El fenómeno de la deserción escolar golpea con particular fuerza a las adolescentes. Organizaciones como UNICEF reportan que las tasas de abandono en mujeres entre 12 y 17 años aumentaron un 15% respecto a 2019. El embarazo adolescente y la necesidad de trabajar para apoyar economías familiares devastadas aparecen como causas recurrentes.

Los docentes enfrentan su propia batalla. Capacitaciones aceleradas en herramientas digitales, estrés por cumplir con currículos ajustados y el desafío de contener emocionalmente a estudiantes marcados por el confinamiento. "Nos convertimos en psicólogos, técnicos informáticos y hasta en repartidores de alimentos", comenta Roberto Vargas, director de una unidad educativa en Manabí.
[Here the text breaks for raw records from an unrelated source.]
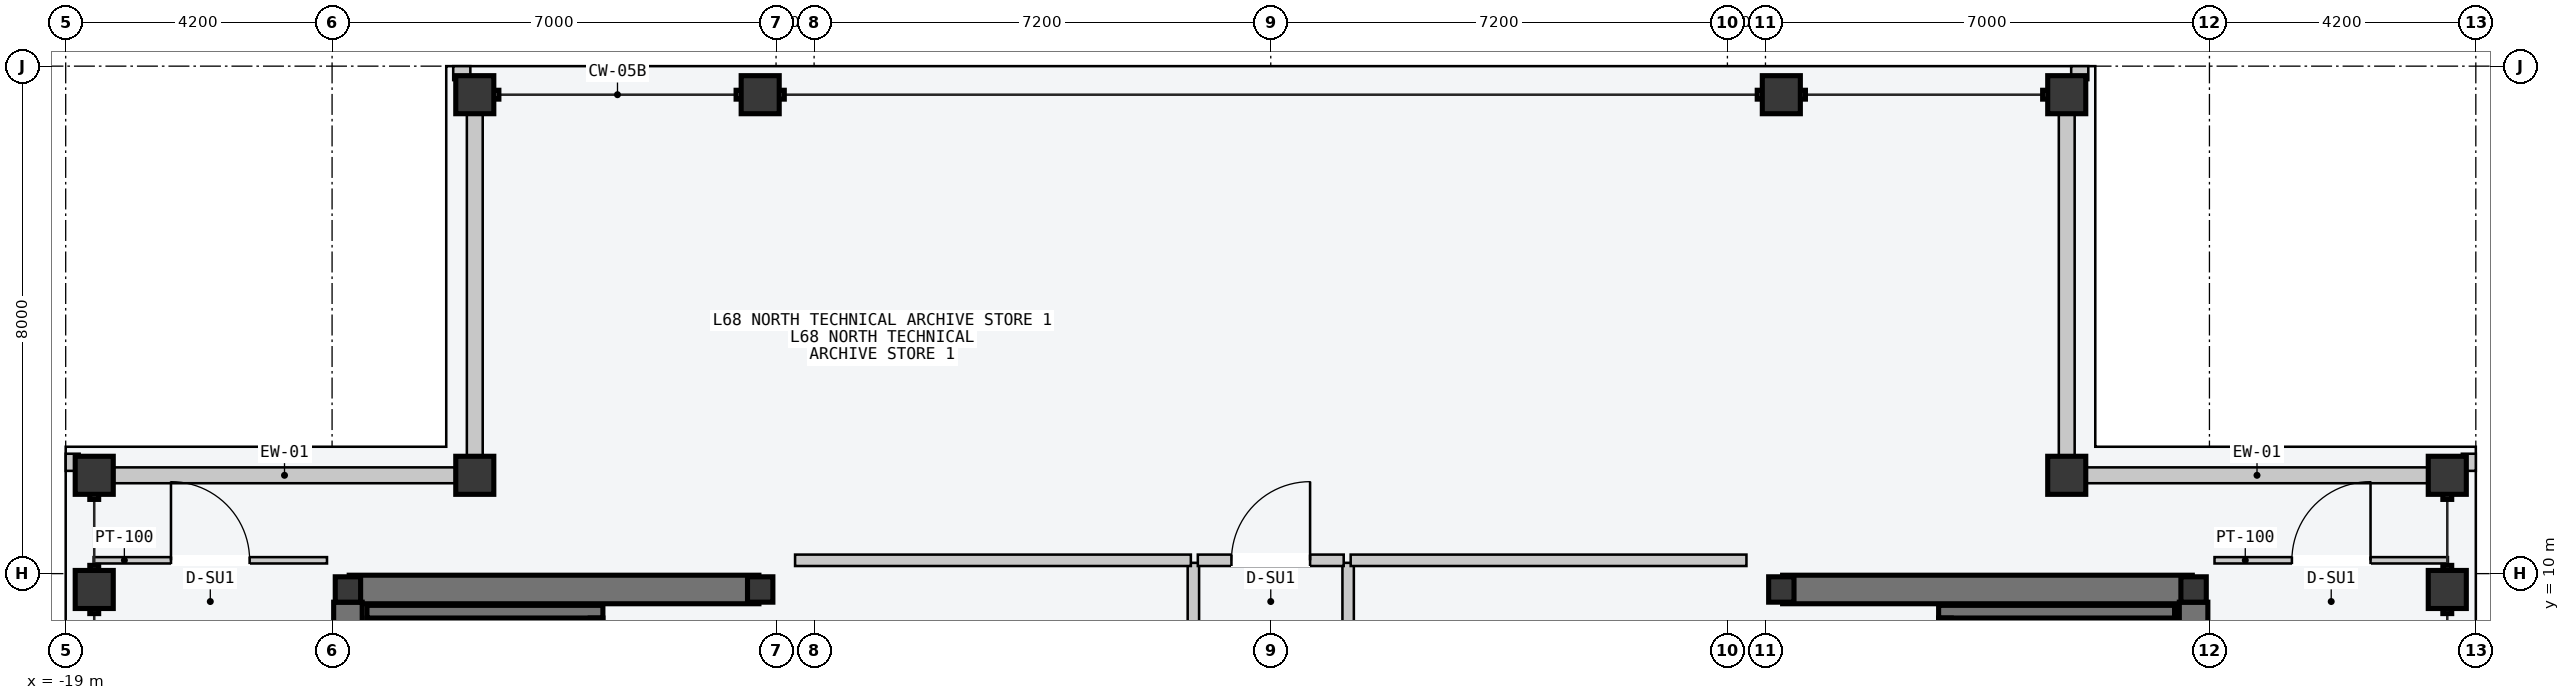
"""IFC4 building model, lengths in metres.
Left out: names, types, materials, properties, quantities, classifications, styles, units other than length and angle.
Written with IfcOpenShell. Run it as: python <this file> out.ifc"""

import sys

from ifc_helpers import new_model, si_unit, direction, frame, frame_2d, origin, origin_2d, place, context, subcontext, project, spatial, rectangle, hollow_rectangle, i_section, extrude, element, fill, save


model = new_model("IFC4")
c1 = context("Model", 3, precision=1e-05, world=origin(), true_north=direction((0.0, 1.0)))
c2 = subcontext(c1, "Body", "Model", "MODEL_VIEW")
j1 = project(units=[si_unit("LENGTHUNIT", "METRE"), si_unit("PLANEANGLEUNIT", "RADIAN")], contexts=[c1])
p1 = place(None, origin())
s1 = spatial("IfcSite", under=j1, at=p1, CompositionType="ELEMENT")
p2 = place(p1, origin())
s2 = spatial("IfcBuilding", under=s1, at=p2, CompositionType="ELEMENT")
p3 = place(p2, frame((0.0, 0.0, 258.0)))
s3 = spatial("IfcBuildingStorey", under=s2, at=p3, CompositionType="ELEMENT", Elevation=258.0)
p4 = place(p3, frame((-14.53, 9.75, -0.2), z_axis=(0.0, 0.0, 1.0), x_axis=(1.0, 0.0, 0.0)))
e1 = element("IfcWall", 1, at=p4, inside=s3, PredefinedType="SHEAR", context=c2, shape_type="SweptSolid", body=[
    extrude(rectangle(XDim=6.46, YDim=0.45, at=frame_2d((3.23, 0.0))), origin(), (0.0, 0.0, 1.0), 3.6),
])
p5 = place(p3, frame((-14.55, 0.2, -0.2), z_axis=(0.0, 0.0, 1.0), x_axis=(0.0, 1.0, 0.0)))
e2 = element("IfcWall", 2, at=p5, inside=s3, PredefinedType="SHEAR", context=c2, shape_type="SweptSolid", body=[
    extrude(rectangle(XDim=9.35, YDim=0.45, at=frame_2d((4.675, 0.0))), origin(), (0.0, 0.0, 1.0), 3.6),
])
p6 = place(p3, frame((8.07, 9.75, -0.2), z_axis=(0.0, 0.0, 1.0), x_axis=(1.0, 0.0, 0.0)))
e3 = element("IfcWall", 3, at=p6, inside=s3, PredefinedType="SHEAR", context=c2, shape_type="SweptSolid", body=[
    extrude(rectangle(XDim=6.46, YDim=0.45, at=frame_2d((3.23, 0.0))), origin(), (0.0, 0.0, 1.0), 3.6),
])
p7 = place(p3, frame((14.55, 0.2, -0.2), z_axis=(0.0, 0.0, 1.0), x_axis=(0.0, 1.0, 0.0)))
e4 = element("IfcWall", 4, at=p7, inside=s3, PredefinedType="SHEAR", context=c2, shape_type="SweptSolid", body=[
    extrude(rectangle(XDim=9.35, YDim=0.45, at=frame_2d((4.675, 0.0))), origin(), (0.0, 0.0, 1.0), 3.6),
])
for number, where, z_axis, x_axis in (
    (5, (-14.15, 1.5, -0.2), (0.0, 0.0, 1.0), (0.0, 1.0, 0.0)),
    (6, (14.15, 1.5, -0.2), (0.0, 0.0, 1.0), (0.0, 1.0, 0.0)),
):
    element("IfcWall", number, at=place(p3, frame(where, z_axis=z_axis, x_axis=x_axis)), inside=s3, PredefinedType="SOLIDWALL", context=c2, shape_type="SweptSolid", body=[
        extrude(rectangle(XDim=7.8, YDim=0.2, at=frame_2d((3.9, 0.0))), origin(), (0.0, 0.0, 1.0), 3.6),
    ])
p8 = place(p3, frame((-14.25, 9.4, -0.2), z_axis=(0.0, 0.0, 1.0), x_axis=(1.0, 0.0, 0.0)))
e7 = element("IfcWall", 7, at=p8, inside=s3, PredefinedType="SOLIDWALL", context=c2, shape_type="SweptSolid", body=[
    extrude(rectangle(XDim=3.72, YDim=0.2, at=frame_2d((1.86, 0.0))), origin(), (0.0, 0.0, 1.0), 3.6),
])
p9 = place(p3, frame((-10.63, 1.5, -0.2), z_axis=(0.0, 0.0, 1.0), x_axis=(0.0, 1.0, 0.0)))
e8 = element("IfcWall", 8, at=p9, inside=s3, PredefinedType="SOLIDWALL", context=c2, shape_type="SweptSolid", body=[
    extrude(rectangle(XDim=7.8, YDim=0.2, at=frame_2d((3.9, 0.0))), origin(), (0.0, 0.0, 1.0), 3.6),
])
p10 = place(p3, frame((10.53, 9.4, -0.2), z_axis=(0.0, 0.0, 1.0), x_axis=(1.0, 0.0, 0.0)))
e9 = element("IfcWall", 9, at=p10, inside=s3, PredefinedType="SOLIDWALL", context=c2, shape_type="SweptSolid", body=[
    extrude(rectangle(XDim=3.72, YDim=0.2, at=frame_2d((1.86, 0.0))), origin(), (0.0, 0.0, 1.0), 3.6),
])
p11 = place(p3, frame((10.63, 1.5, -0.2), z_axis=(0.0, 0.0, 1.0), x_axis=(0.0, 1.0, 0.0)))
e10 = element("IfcWall", 10, at=p11, inside=s3, PredefinedType="SOLIDWALL", context=c2, shape_type="SweptSolid", body=[
    extrude(rectangle(XDim=7.8, YDim=0.2, at=frame_2d((3.9, 0.0))), origin(), (0.0, 0.0, 1.0), 3.6),
])
for number, where, z_axis, x_axis in (
    (11, (-14.55, 9.75, 0.0), (0.0, 0.0, 1.0), (1.0, 0.0, 0.0)),
    (12, (-8.05, 9.75, 0.0), (0.0, 0.0, 1.0), (1.0, 0.0, 0.0)),
    (13, (8.05, 9.75, 0.0), (0.0, 0.0, 1.0), (1.0, 0.0, 0.0)),
    (14, (14.55, 9.75, 0.0), (0.0, 0.0, 1.0), (1.0, 0.0, 0.0)),
):
    element("IfcColumn", number, at=place(p3, frame(where, z_axis=z_axis, x_axis=x_axis)), inside=s3, PredefinedType="COLUMN", context=c2, shape_type="SweptSolid", body=[
        extrude(i_section(OverallWidth=0.4, OverallDepth=0.4, WebThickness=0.013, FlangeThickness=0.021, at=origin_2d()), origin(), (0.0, 0.0, 1.0), 3.6),
    ])
for number, where, z_axis, x_axis in (
    (15, (-12.55, 17.55, 0.0), (0.0, 0.0, 1.0), (1.0, 0.0, 0.0)),
    (16, (-8.05, 17.55, 0.0), (0.0, 0.0, 1.0), (1.0, 0.0, 0.0)),
    (17, (8.05, 17.55, 0.0), (0.0, 0.0, 1.0), (1.0, 0.0, 0.0)),
    (18, (12.55, 17.55, 0.0), (0.0, 0.0, 1.0), (1.0, 0.0, 0.0)),
    (19, (-18.55, 9.75, 0.0), (0.0, 0.0, 1.0), (0.0, 1.0, 0.0)),
    (20, (-18.55, 11.55, 0.0), (0.0, 0.0, 1.0), (0.0, 1.0, 0.0)),
    (21, (18.55, 9.75, 0.0), (0.0, 0.0, 1.0), (0.0, 1.0, 0.0)),
    (22, (18.55, 11.55, 0.0), (0.0, 0.0, 1.0), (0.0, 1.0, 0.0)),
    (23, (-12.55, 11.55, 0.0), (0.0, 0.0, 1.0), (1.0, 0.0, 0.0)),
    (24, (12.55, 11.55, 0.0), (0.0, 0.0, 1.0), (1.0, 0.0, 0.0)),
):
    element("IfcColumn", number, at=place(p3, frame(where, z_axis=z_axis, x_axis=x_axis)), inside=s3, PredefinedType="COLUMN", context=c2, shape_type="SweptSolid", body=[
        extrude(hollow_rectangle(XDim=0.6, YDim=0.6, WallThickness=0.025, at=origin_2d()), origin(), (0.0, 0.0, 1.0), 3.6),
    ])
for number, where, z_axis, x_axis in (
    (25, (-18.24, 11.55, 0.0), (0.0, 0.0, 1.0), (1.0, 0.0, 0.0)),
    (26, (-12.55, 11.86, 0.0), (0.0, 0.0, 1.0), (0.0, 1.0, 0.0)),
    (27, (12.86, 11.55, 0.0), (0.0, 0.0, 1.0), (1.0, 0.0, 0.0)),
    (28, (12.55, 11.86, 0.0), (0.0, 0.0, 1.0), (0.0, 1.0, 0.0)),
):
    element("IfcWall", number, at=place(p3, frame(where, z_axis=z_axis, x_axis=x_axis)), inside=s3, PredefinedType="STANDARD", context=c2, shape_type="SweptSolid", body=[
        extrude(rectangle(XDim=5.38, YDim=0.25, at=frame_2d((2.69, 0.0))), origin(), (0.0, 0.0, 1.0), 2.85),
    ])
for number, where, z_axis, x_axis in (
    (29, (-12.89, 17.89, 0.0), (0.0, 0.0, 1.0), (1.0, 0.0, 0.0)),
    (30, (-18.89, 11.62, 0.0), (0.0, 0.0, 1.0), (0.0, 1.0, 0.0)),
    (31, (12.62, 17.89, 0.0), (0.0, 0.0, 1.0), (1.0, 0.0, 0.0)),
    (32, (18.89, 11.62, 0.0), (0.0, 0.0, 1.0), (0.0, 1.0, 0.0)),
):
    element("IfcWall", number, at=place(p3, frame(where, z_axis=z_axis, x_axis=x_axis)), inside=s3, PredefinedType="PARAPET", context=c2, shape_type="SweptSolid", body=[
        extrude(rectangle(XDim=0.27, YDim=0.22, at=frame_2d((0.135, 0.0))), origin(), (0.0, 0.0, 1.0), 1.2),
    ])
p12 = place(p3, frame((-1.22, -3.5, 0.0), z_axis=(0.0, 0.0, 1.0), x_axis=(0.0, 1.0, 0.0)))
e33 = element("IfcWall", 33, at=p12, inside=s3, PredefinedType="PARTITIONING", context=c2, shape_type="SweptSolid", body=[
    extrude(rectangle(XDim=13.67, YDim=0.18, at=frame_2d((6.835, 0.0))), origin(), (0.0, 0.0, 1.0), 3.4),
])
p13 = place(p12, frame((6.1, 0.0, 0.0)))
e34 = element("IfcOpeningElement", 34, at=p13, cuts=e33, PredefinedType="OPENING", context=c2, shape_type="SweptSolid", body=[
    extrude(rectangle(XDim=1.24, YDim=2.24, at=frame_2d((0.62, 1.12))), frame((0.0, 0.1, 0.0), z_axis=(0.0, -1.0, 0.0), x_axis=(1.0, 0.0, 0.0)), (0.0, 0.0, 1.0), 0.2),
])
p14 = place(p12, frame((1.6, 0.0, 0.0)))
e35 = element("IfcOpeningElement", 35, at=p14, cuts=e33, PredefinedType="OPENING", context=c2, shape_type="SweptSolid", body=[
    extrude(rectangle(XDim=0.96, YDim=2.18, at=frame_2d((0.48, 1.09))), frame((0.0, 0.1, 0.0), z_axis=(0.0, -1.0, 0.0), x_axis=(1.0, 0.0, 0.0)), (0.0, 0.0, 1.0), 0.2),
])
p15 = place(p3, frame((-7.5, 10.21, 0.0), z_axis=(0.0, 0.0, 1.0), x_axis=(1.0, 0.0, 0.0)))
e36 = element("IfcWall", 36, at=p15, inside=s3, PredefinedType="PARTITIONING", context=c2, shape_type="SweptSolid", body=[
    extrude(rectangle(XDim=6.24, YDim=0.18, at=frame_2d((3.12, 0.0))), origin(), (0.0, 0.0, 1.0), 3.4),
])
p16 = place(p3, frame((1.22, -3.5, 0.0), z_axis=(0.0, 0.0, 1.0), x_axis=(0.0, 1.0, 0.0)))
e37 = element("IfcWall", 37, at=p16, inside=s3, PredefinedType="PARTITIONING", context=c2, shape_type="SweptSolid", body=[
    extrude(rectangle(XDim=13.67, YDim=0.18, at=frame_2d((6.835, 0.0))), origin(), (0.0, 0.0, 1.0), 3.4),
])
p17 = place(p16, frame((6.1, 0.0, 0.0)))
e38 = element("IfcOpeningElement", 38, at=p17, cuts=e37, PredefinedType="OPENING", context=c2, shape_type="SweptSolid", body=[
    extrude(rectangle(XDim=1.24, YDim=2.24, at=frame_2d((0.62, 1.12))), frame((0.0, 0.1, 0.0), z_axis=(0.0, -1.0, 0.0), x_axis=(1.0, 0.0, 0.0)), (0.0, 0.0, 1.0), 0.2),
])
p18 = place(p16, frame((1.6, 0.0, 0.0)))
e39 = element("IfcOpeningElement", 39, at=p18, cuts=e37, PredefinedType="OPENING", context=c2, shape_type="SweptSolid", body=[
    extrude(rectangle(XDim=0.96, YDim=2.18, at=frame_2d((0.48, 1.09))), frame((0.0, 0.1, 0.0), z_axis=(0.0, -1.0, 0.0), x_axis=(1.0, 0.0, 0.0)), (0.0, 0.0, 1.0), 0.2),
])
p19 = place(p3, frame((1.26, 10.21, 0.0), z_axis=(0.0, 0.0, 1.0), x_axis=(1.0, 0.0, 0.0)))
e40 = element("IfcWall", 40, at=p19, inside=s3, PredefinedType="PARTITIONING", context=c2, shape_type="SweptSolid", body=[
    extrude(rectangle(XDim=6.24, YDim=0.18, at=frame_2d((3.12, 0.0))), origin(), (0.0, 0.0, 1.0), 3.4),
])
p20 = place(p3, frame((-1.15, 10.21, 0.0), z_axis=(0.0, 0.0, 1.0), x_axis=(1.0, 0.0, 0.0)))
e41 = element("IfcWall", 41, at=p20, inside=s3, PredefinedType="PARTITIONING", context=c2, shape_type="SweptSolid", body=[
    extrude(rectangle(XDim=2.3, YDim=0.18, at=frame_2d((1.15, 0.0))), origin(), (0.0, 0.0, 1.0), 3.4),
])
p21 = place(p20, frame((0.53, 0.0, 0.0)))
e42 = element("IfcOpeningElement", 42, at=p21, cuts=e41, PredefinedType="OPENING", context=c2, shape_type="SweptSolid", body=[
    extrude(rectangle(XDim=1.24, YDim=2.24, at=frame_2d((0.62, 1.12))), frame((0.0, 0.1, 0.0), z_axis=(0.0, -1.0, 0.0), x_axis=(1.0, 0.0, 0.0)), (0.0, 0.0, 1.0), 0.2),
])
p22 = place(p3, frame((-18.56, 10.21, 0.0), z_axis=(0.0, 0.0, 1.0), x_axis=(1.0, 0.0, 0.0)))
e43 = element("IfcWall", 43, at=p22, inside=s3, PredefinedType="PARTITIONING", context=c2, shape_type="SweptSolid", body=[
    extrude(rectangle(XDim=3.68, YDim=0.1, at=frame_2d((1.84, 0.0))), origin(), (0.0, 0.0, 1.0), 3.4),
])
p23 = place(p22, frame((1.22, 0.0, 0.0)))
e44 = element("IfcOpeningElement", 44, at=p23, cuts=e43, PredefinedType="OPENING", context=c2, shape_type="SweptSolid", body=[
    extrude(rectangle(XDim=1.24, YDim=2.24, at=frame_2d((0.62, 1.12))), frame((0.0, 0.06, 0.0), z_axis=(0.0, -1.0, 0.0), x_axis=(1.0, 0.0, 0.0)), (0.0, 0.0, 1.0), 0.12),
])
p24 = place(p3, frame((14.88, 10.21, 0.0), z_axis=(0.0, 0.0, 1.0), x_axis=(1.0, 0.0, 0.0)))
e45 = element("IfcWall", 45, at=p24, inside=s3, PredefinedType="PARTITIONING", context=c2, shape_type="SweptSolid", body=[
    extrude(rectangle(XDim=3.68, YDim=0.1, at=frame_2d((1.84, 0.0))), origin(), (0.0, 0.0, 1.0), 3.4),
])
p25 = place(p24, frame((1.22, 0.0, 0.0)))
e46 = element("IfcOpeningElement", 46, at=p25, cuts=e45, PredefinedType="OPENING", context=c2, shape_type="SweptSolid", body=[
    extrude(rectangle(XDim=1.24, YDim=2.24, at=frame_2d((0.62, 1.12))), frame((0.0, 0.06, 0.0), z_axis=(0.0, -1.0, 0.0), x_axis=(1.0, 0.0, 0.0)), (0.0, 0.0, 1.0), 0.12),
])
p26 = place(p21, origin())
e47 = element("IfcDoor", 47, at=p26, inside=s3, OperationType="SINGLE_SWING_RIGHT", PredefinedType="DOOR", context=c2, shape_type="SweptSolid", body=[
    extrude(rectangle(XDim=1.24, YDim=2.24, at=frame_2d((0.62, 1.12))), frame((0.0, 0.025, 0.0), z_axis=(0.0, -1.0, 0.0), x_axis=(1.0, 0.0, 0.0)), (0.0, 0.0, 1.0), 0.05),
])
fill(e42, e47)
p27 = place(p23, origin())
e48 = element("IfcDoor", 48, at=p27, inside=s3, OperationType="SINGLE_SWING_LEFT", PredefinedType="DOOR", context=c2, shape_type="SweptSolid", body=[
    extrude(rectangle(XDim=1.24, YDim=2.24, at=frame_2d((0.62, 1.12))), frame((0.0, 0.025, 0.0), z_axis=(0.0, -1.0, 0.0), x_axis=(1.0, 0.0, 0.0)), (0.0, 0.0, 1.0), 0.05),
])
fill(e44, e48)
p28 = place(p25, origin())
e49 = element("IfcDoor", 49, at=p28, inside=s3, OperationType="SINGLE_SWING_RIGHT", PredefinedType="DOOR", context=c2, shape_type="SweptSolid", body=[
    extrude(rectangle(XDim=1.24, YDim=2.24, at=frame_2d((0.62, 1.12))), frame((0.0, 0.025, 0.0), z_axis=(0.0, -1.0, 0.0), x_axis=(1.0, 0.0, 0.0)), (0.0, 0.0, 1.0), 0.05),
])
fill(e46, e49)
save(model, sys.argv[1])

Las universidades no escapan a esta crisis. La deserción en educación superior alcanza niveles históricos, con especial impacto en carreras técnicas que requieren prácticas presenciales. Laboratorios de química vacíos, talleres de ingeniería silenciosos y hospitales escolares sin estudiantes de medicina reflejan el vacío que dejó la pandemia.

Sin embargo, surgen historias de resistencia que inspiran. En Azuay, un grupo de maestros creó "Aprendiendo entre montañas", programa que lleva educación a comunidades remotas usando motocicletas y tablets solares. En Esmeraldas, jóvenes universitarios organizan tutorías gratuitas en parques y canchas deportivas.

El gobierno anuncia ambiciosos planes de recuperación, pero los recursos llegan con cuentagotas. La promesa de conectividad gratuita en escuelas públicas avanza lentamente, mientras los padres de familia deben elegir entre comprar un smartphone para clases virtuales o pagar la luz.

Expertos consultados coinciden en que se necesitan al menos tres años para recuperar los aprendizajes perdidos. Pero el tiempo apremia: la generación pandemia pronto ingresará al mercado laboral, y su preparación determinará el futuro económico del país.

La solución, sugieren los especialistas, requiere de un esfuerzo colectivo. Empresas privadas que adopten escuelas, universidades que flexibilicen sus requisitos de admisión, y sobre todo, una sociedad que entienda que la educación no es gasto, sino la mejor inversión para reconstruir el Ecuador post-COVID.

Mientras tanto, en esa escuela de Cotopaxi, Miguel finalmente logró resolver su primera división completa. Su sonrisa vale más que cualquier informe oficial, recordándonos que detrás de cada número hay un niño esperando su oportunidad.